ISLAMABAD: US Central Intelligence Agency (CIA) Director John Ratcliffe confirmed this week Mohammad Sharifullah, blamed for a 2021 attack on US troops at Kabul airport, was arrested through intelligence sharing with Pakistan’s top military spy agency, the Inter-Services Intelligence (ISI).
The United States has charged Sharifullah with helping plan the attack at Kabul airport which killed at least 170 Afghans and 13 US soldiers as they sought to help Americans and Afghans flee in the chaotic aftermath of the Taliban takeover. The attack was claimed by Daesh-K, the Afghan branch of the Daesh group.
Speaking to Fox News, Ratcliffe said he had shared information with his Pakistani counterpart, Lt Gen Asim Malik, the DG ISI, about the location of Sharifullah, also known by the alias Jafar, along the Pakistan-Afghanistan border.
“My second day on the job I spoke with the head of Pakistani intelligence,” Ratcliffe told Fox News in an interview. “I shared with him that we had intelligence indicating that Jafar was located in the Afghan-Pakistan border region.”
He said he told Malik to make the capture of the Daesh commander “a high priority” if Pakistan wanted to work with President Donald Trump and “have good relations with our country.”

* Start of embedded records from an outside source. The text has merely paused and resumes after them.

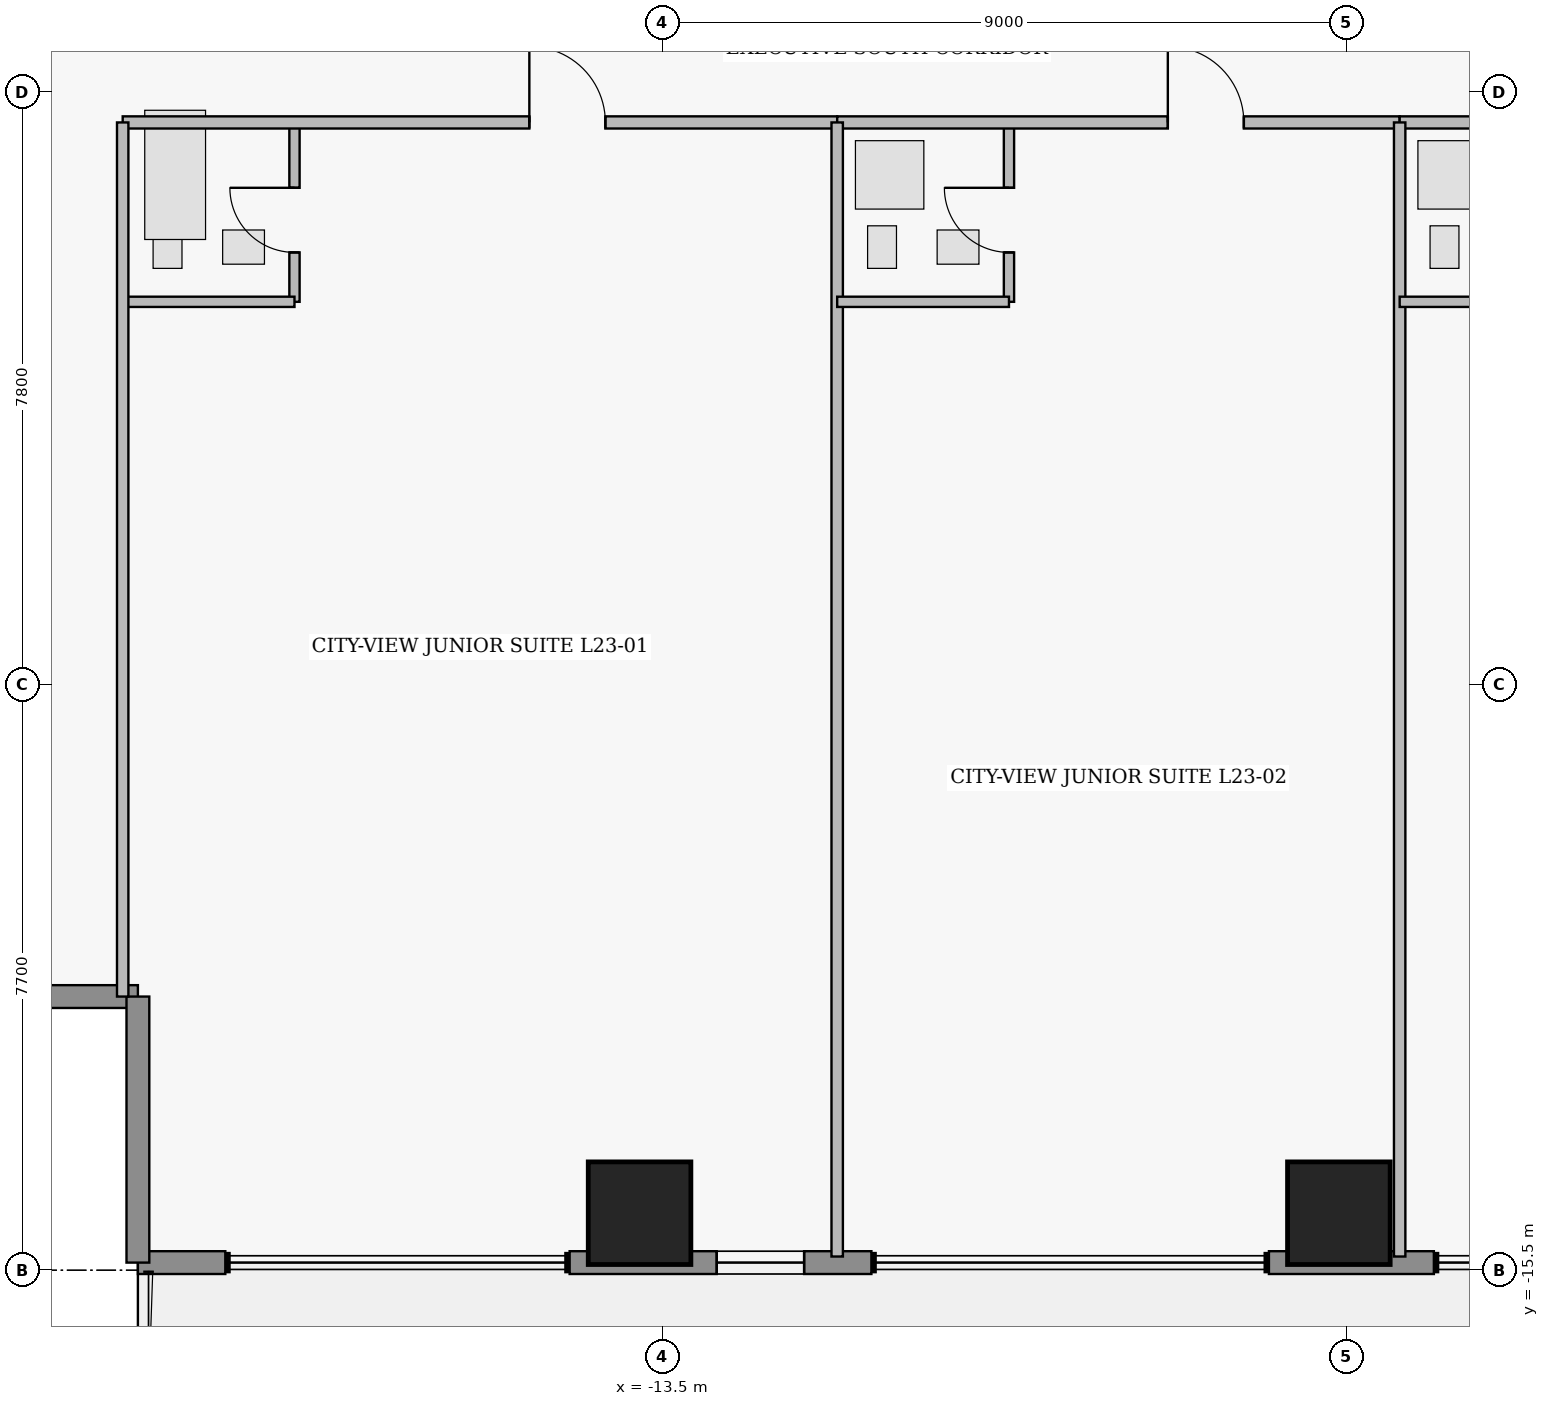
"""IFC4 building model, lengths in metres.
Left out: names, types, materials, properties, quantities, classifications, styles, units other than length and angle.
Written with IfcOpenShell. Run it as: python <this file> out.ifc"""

import sys

from ifc_helpers import new_model, si_unit, direction, frame, frame_2d, origin, origin_2d, place, context, subcontext, project, spatial, rectangle, extrude, element, fill, save


model = new_model("IFC4")
c1 = context("Model", 3, precision=1e-05, world=origin(), true_north=direction((0.0, 1.0)))
c2 = subcontext(c1, "Body", "Model", "MODEL_VIEW")
j1 = project(units=[si_unit("LENGTHUNIT", "METRE"), si_unit("PLANEANGLEUNIT", "RADIAN")], contexts=[c1])
p1 = place(None, origin())
s1 = spatial("IfcSite", under=j1, at=p1, CompositionType="ELEMENT")
p2 = place(p1, origin())
s2 = spatial("IfcBuilding", under=s1, at=p2, CompositionType="ELEMENT")
p3 = place(p2, frame((0.0, 0.0, 95.65)))
s3 = spatial("IfcBuildingStorey", under=s2, at=p3, CompositionType="ELEMENT", Elevation=95.65)
for number, where, z_axis, x_axis in (
    (1, (-13.8, -14.75, 0.43), (0.0, 0.0, 1.0), (1.0, 0.0, 0.0)),
    (2, (-4.6, -14.75, 0.43), (0.0, 0.0, 1.0), (1.0, 0.0, 0.0)),
):
    element("IfcColumn", number, at=place(p3, frame(where, z_axis=z_axis, x_axis=x_axis)), inside=s3, PredefinedType="COLUMN", context=c2, shape_type="SweptSolid", body=[
        extrude(rectangle(XDim=1.35, YDim=1.35, at=origin_2d()), origin(), (0.0, 0.0, 1.0), 3.22),
    ])
p4 = place(p3, frame((-20.4, -11.9, 0.0), z_axis=(0.0, 0.0, 1.0), x_axis=(-1.0, 0.0, 0.0)))
e3 = element("IfcWall", 3, at=p4, inside=s3, PredefinedType="STANDARD", context=c2, shape_type="SweptSolid", body=[
    extrude(rectangle(XDim=3.5, YDim=0.3, at=frame_2d((1.75, 0.0))), origin(), (0.0, 0.0, 1.0), 3.43),
])
p5 = place(p3, frame((-3.35, -15.4, 0.0), z_axis=(0.0, 0.0, 1.0), x_axis=(-1.0, 0.0, 0.0)))
e4 = element("IfcWall", 4, at=p5, inside=s3, PredefinedType="STANDARD", context=c2, shape_type="SweptSolid", body=[
    extrude(rectangle(XDim=2.17, YDim=0.3, at=frame_2d((1.085, 0.0))), origin(), (0.0, 0.0, 1.0), 3.43),
])
p6 = place(p3, frame((-10.75, -15.4, 0.0), z_axis=(0.0, 0.0, 1.0), x_axis=(-1.0, 0.0, 0.0)))
e5 = element("IfcWall", 5, at=p6, inside=s3, PredefinedType="STANDARD", context=c2, shape_type="SweptSolid", body=[
    extrude(rectangle(XDim=3.97, YDim=0.3, at=frame_2d((1.985, 0.0))), origin(), (0.0, 0.0, 1.0), 3.43),
])
p7 = place(p6, frame((0.885, 0.0, 0.95)))
e6 = element("IfcOpeningElement", 6, at=p7, cuts=e5, PredefinedType="OPENING", context=c2, shape_type="SweptSolid", body=[
    extrude(rectangle(XDim=1.15, YDim=1.55, at=frame_2d((0.575, 0.775))), frame((0.0, 0.16, 0.0), z_axis=(0.0, -1.0, 0.0), x_axis=(1.0, 0.0, 0.0)), (0.0, 0.0, 1.0), 0.32),
])
p8 = place(p3, frame((-19.25, -15.4, 0.0), z_axis=(0.0, 0.0, 1.0), x_axis=(-1.0, 0.0, 0.0)))
e7 = element("IfcWall", 7, at=p8, inside=s3, PredefinedType="STANDARD", context=c2, shape_type="SweptSolid", body=[
    extrude(rectangle(XDim=1.15, YDim=0.3, at=frame_2d((0.575, 0.0))), origin(), (0.0, 0.0, 1.0), 3.43),
])
p9 = place(p3, frame((-20.4, -15.4, 0.0), z_axis=(0.0, 0.0, 1.0), x_axis=(0.0, 1.0, 0.0)))
e8 = element("IfcWall", 8, at=p9, inside=s3, PredefinedType="STANDARD", context=c2, shape_type="SweptSolid", body=[
    extrude(rectangle(XDim=3.5, YDim=0.3, at=frame_2d((1.75, 0.0))), origin(), (0.0, 0.0, 1.0), 3.43),
])
p10 = place(p3, frame((-18.34, -2.76, 0.0), z_axis=(0.0, 0.0, 1.0), x_axis=(0.0, 1.0, 0.0)))
e9 = element("IfcWall", 9, at=p10, inside=s3, PredefinedType="PLUMBINGWALL", context=c2, shape_type="SweptSolid", body=[
    extrude(rectangle(XDim=2.36, YDim=0.135, at=frame_2d((1.18, 0.0))), origin(), (0.0, 0.0, 1.0), 3.43),
])
p11 = place(p10, frame((0.65, 0.0, 0.0)))
e10 = element("IfcOpeningElement", 10, at=p11, cuts=e9, PredefinedType="OPENING", context=c2, shape_type="SweptSolid", body=[
    extrude(rectangle(XDim=0.85, YDim=2.1, at=frame_2d((0.425, 1.05))), frame((0.0, 0.077, 0.0), z_axis=(0.0, -1.0, 0.0), x_axis=(1.0, 0.0, 0.0)), (0.0, 0.0, 1.0), 0.155),
])
p12 = place(p3, frame((-20.6, -0.4, 0.0), z_axis=(0.0, 0.0, 1.0), x_axis=(1.0, 0.0, 0.0)))
e11 = element("IfcWall", 11, at=p12, inside=s3, PredefinedType="PARTITIONING", context=c2, shape_type="SweptSolid", body=[
    extrude(rectangle(XDim=9.4, YDim=0.16, at=frame_2d((4.7, 0.0))), origin(), (0.0, 0.0, 1.0), 3.43),
])
p13 = place(p12, frame((5.35, 0.0, 0.0)))
e12 = element("IfcOpeningElement", 12, at=p13, cuts=e11, PredefinedType="OPENING", context=c2, shape_type="SweptSolid", body=[
    extrude(rectangle(XDim=1.0, YDim=2.15, at=frame_2d((0.5, 1.075))), frame((0.0, 0.09, 0.0), z_axis=(0.0, -1.0, 0.0), x_axis=(1.0, 0.0, 0.0)), (0.0, 0.0, 1.0), 0.18),
])
p14 = place(p3, frame((-8.94, -2.76, 0.0), z_axis=(0.0, 0.0, 1.0), x_axis=(0.0, 1.0, 0.0)))
e13 = element("IfcWall", 13, at=p14, inside=s3, PredefinedType="PLUMBINGWALL", context=c2, shape_type="SweptSolid", body=[
    extrude(rectangle(XDim=2.36, YDim=0.135, at=frame_2d((1.18, 0.0))), origin(), (0.0, 0.0, 1.0), 3.43),
])
p15 = place(p14, frame((0.65, 0.0, 0.0)))
e14 = element("IfcOpeningElement", 14, at=p15, cuts=e13, PredefinedType="OPENING", context=c2, shape_type="SweptSolid", body=[
    extrude(rectangle(XDim=0.85, YDim=2.1, at=frame_2d((0.425, 1.05))), frame((0.0, 0.077, 0.0), z_axis=(0.0, -1.0, 0.0), x_axis=(1.0, 0.0, 0.0)), (0.0, 0.0, 1.0), 0.155),
])
p16 = place(p3, frame((-11.2, -0.4, 0.0), z_axis=(0.0, 0.0, 1.0), x_axis=(1.0, 0.0, 0.0)))
e15 = element("IfcWall", 15, at=p16, inside=s3, PredefinedType="PARTITIONING", context=c2, shape_type="SweptSolid", body=[
    extrude(rectangle(XDim=7.4, YDim=0.16, at=frame_2d((3.7, 0.0))), origin(), (0.0, 0.0, 1.0), 3.43),
])
p17 = place(p16, frame((4.35, 0.0, 0.0)))
e16 = element("IfcOpeningElement", 16, at=p17, cuts=e15, PredefinedType="OPENING", context=c2, shape_type="SweptSolid", body=[
    extrude(rectangle(XDim=1.0, YDim=2.15, at=frame_2d((0.5, 1.075))), frame((0.0, 0.09, 0.0), z_axis=(0.0, -1.0, 0.0), x_axis=(1.0, 0.0, 0.0)), (0.0, 0.0, 1.0), 0.18),
])
p18 = place(p3, frame((-3.8, -0.4, 0.0), z_axis=(0.0, 0.0, 1.0), x_axis=(1.0, 0.0, 0.0)))
e17 = element("IfcWall", 17, at=p18, inside=s3, PredefinedType="PARTITIONING", context=c2, shape_type="SweptSolid", body=[
    extrude(rectangle(XDim=7.6, YDim=0.16, at=frame_2d((3.8, 0.0))), origin(), (0.0, 0.0, 1.0), 3.43),
])
p19 = place(p18, frame((4.45, 0.0, 0.0)))
e18 = element("IfcOpeningElement", 18, at=p19, cuts=e17, PredefinedType="OPENING", context=c2, shape_type="SweptSolid", body=[
    extrude(rectangle(XDim=1.0, YDim=2.15, at=frame_2d((0.5, 1.075))), frame((0.0, 0.09, 0.0), z_axis=(0.0, -1.0, 0.0), x_axis=(1.0, 0.0, 0.0)), (0.0, 0.0, 1.0), 0.18),
])
p20 = place(p3, frame((-20.6, -2.76, 0.0), z_axis=(0.0, 0.0, 1.0), x_axis=(1.0, 0.0, 0.0)))
e19 = element("IfcWall", 19, at=p20, inside=s3, PredefinedType="PLUMBINGWALL", context=c2, shape_type="SweptSolid", body=[
    extrude(rectangle(XDim=2.26, YDim=0.135, at=frame_2d((1.13, 0.0))), origin(), (0.0, 0.0, 1.0), 3.43),
])
p21 = place(p3, frame((-20.6, -11.9, 0.0), z_axis=(0.0, 0.0, 1.0), x_axis=(0.0, 1.0, 0.0)))
e20 = element("IfcWall", 20, at=p21, inside=s3, PredefinedType="PARTITIONING", context=c2, shape_type="SweptSolid", body=[
    extrude(rectangle(XDim=11.5, YDim=0.15, at=frame_2d((5.75, 0.0))), origin(), (0.0, 0.0, 1.0), 3.43),
])
p22 = place(p3, frame((-11.2, -15.32, 0.0), z_axis=(0.0, 0.0, 1.0), x_axis=(0.0, 1.0, 0.0)))
e21 = element("IfcWall", 21, at=p22, inside=s3, PredefinedType="PARTITIONING", context=c2, shape_type="SweptSolid", body=[
    extrude(rectangle(XDim=14.92, YDim=0.15, at=frame_2d((7.46, 0.0))), origin(), (0.0, 0.0, 1.0), 3.43),
])
p23 = place(p3, frame((-11.2, -2.76, 0.0), z_axis=(0.0, 0.0, 1.0), x_axis=(1.0, 0.0, 0.0)))
e22 = element("IfcWall", 22, at=p23, inside=s3, PredefinedType="PLUMBINGWALL", context=c2, shape_type="SweptSolid", body=[
    extrude(rectangle(XDim=2.26, YDim=0.135, at=frame_2d((1.13, 0.0))), origin(), (0.0, 0.0, 1.0), 3.43),
])
p24 = place(p3, frame((-3.8, -15.32, 0.0), z_axis=(0.0, 0.0, 1.0), x_axis=(0.0, 1.0, 0.0)))
e23 = element("IfcWall", 23, at=p24, inside=s3, PredefinedType="PARTITIONING", context=c2, shape_type="SweptSolid", body=[
    extrude(rectangle(XDim=14.92, YDim=0.15, at=frame_2d((7.46, 0.0))), origin(), (0.0, 0.0, 1.0), 3.43),
])
p25 = place(p3, frame((-3.8, -2.76, 0.0), z_axis=(0.0, 0.0, 1.0), x_axis=(1.0, 0.0, 0.0)))
e24 = element("IfcWall", 24, at=p25, inside=s3, PredefinedType="PLUMBINGWALL", context=c2, shape_type="SweptSolid", body=[
    extrude(rectangle(XDim=2.26, YDim=0.135, at=frame_2d((1.13, 0.0))), origin(), (0.0, 0.0, 1.0), 3.43),
])
p26 = place(p7, origin())
e25 = element("IfcWindow", 25, at=p26, inside=s3, PartitioningType="SINGLE_PANEL", PredefinedType="WINDOW", context=c2, shape_type="SweptSolid", body=[
    extrude(rectangle(XDim=1.15, YDim=1.55, at=frame_2d((0.575, 0.775))), frame((0.0, 0.03, 0.0), z_axis=(0.0, -1.0, 0.0), x_axis=(1.0, 0.0, 0.0)), (0.0, 0.0, 1.0), 0.06),
])
fill(e6, e25)
p27 = place(p11, origin())
e26 = element("IfcDoor", 26, at=p27, inside=s3, OperationType="SINGLE_SWING_RIGHT", PredefinedType="DOOR", context=c2, shape_type="SweptSolid", body=[
    extrude(rectangle(XDim=0.85, YDim=2.1, at=frame_2d((0.425, 1.05))), frame((0.0, 0.025, 0.0), z_axis=(0.0, -1.0, 0.0), x_axis=(1.0, 0.0, 0.0)), (0.0, 0.0, 1.0), 0.05),
])
fill(e10, e26)
p28 = place(p13, origin())
e27 = element("IfcDoor", 27, at=p28, inside=s3, OperationType="SINGLE_SWING_LEFT", PredefinedType="DOOR", context=c2, shape_type="SweptSolid", body=[
    extrude(rectangle(XDim=1.0, YDim=2.15, at=frame_2d((0.5, 1.075))), frame((0.0, 0.025, 0.0), z_axis=(0.0, -1.0, 0.0), x_axis=(1.0, 0.0, 0.0)), (0.0, 0.0, 1.0), 0.05),
])
fill(e12, e27)
p29 = place(p15, origin())
e28 = element("IfcDoor", 28, at=p29, inside=s3, OperationType="SINGLE_SWING_RIGHT", PredefinedType="DOOR", context=c2, shape_type="SweptSolid", body=[
    extrude(rectangle(XDim=0.85, YDim=2.1, at=frame_2d((0.425, 1.05))), frame((0.0, 0.025, 0.0), z_axis=(0.0, -1.0, 0.0), x_axis=(1.0, 0.0, 0.0)), (0.0, 0.0, 1.0), 0.05),
])
fill(e14, e28)
p30 = place(p17, origin())
e29 = element("IfcDoor", 29, at=p30, inside=s3, OperationType="SINGLE_SWING_LEFT", PredefinedType="DOOR", context=c2, shape_type="SweptSolid", body=[
    extrude(rectangle(XDim=1.0, YDim=2.15, at=frame_2d((0.5, 1.075))), frame((0.0, 0.025, 0.0), z_axis=(0.0, -1.0, 0.0), x_axis=(1.0, 0.0, 0.0)), (0.0, 0.0, 1.0), 0.05),
])
fill(e16, e29)
save(model, sys.argv[1])

“So, we worked with Pakistani intelligence,” Ratcliffe added. “Jafar was apprehended in short order and is in US custody.”
The US Justice Department has charged Sharifullah with “providing and conspiring to provide material support and resources” to Daesh.

A view of the Albert V. Bryan US Courthouse of the US District Court Eastern District of Virginia, on March 5, 2025, in Alexandria, Virginia. A Daesh operative who helped plan the 2021 suicide bombing outside Kabul airport during the chaotic US military withdrawal has been arrested, President Donald Trump has said. The man named as Mohammad Sharifullah, also known as Jafar, and appeared in a federal court in Virginia on March 5, 2025. (AFP)
“He confessed. This was the planner of that bombing,” White House national security adviser Mike Waltz said in an interview with Fox News this week.
On Thursday, US State Department spokesperson Tammy Bruce said the US was thankful to the Pakistani government for its “partnership” in bringing Sharifullah to justice.
“And we have, regarding Pakistan and the nature of our relationship, we have a common interest, obviously, in fighting terrorism, and the arrest of this terrorist also illustrated that US-Pakistan cooperation on counterterrorism remains vitally important,” she said during a press briefing.
Pakistani Prime Minister Shehbaz Sharif has also thanked Trump for recognizing Pakistan’s role in counterterrorism and confirmed the involvement of Pakistani security forces in the arrest of Sharifullah, an Afghan national.
Pakistan and the US have a history of counterterrorism cooperation, especially post-9/11, when Pakistan began handing over Taliban and Al-Qaeda members to US authorities.
However, Pakistan’s links with Washington have frayed in recent years, while arch-rival India has gained greater influence.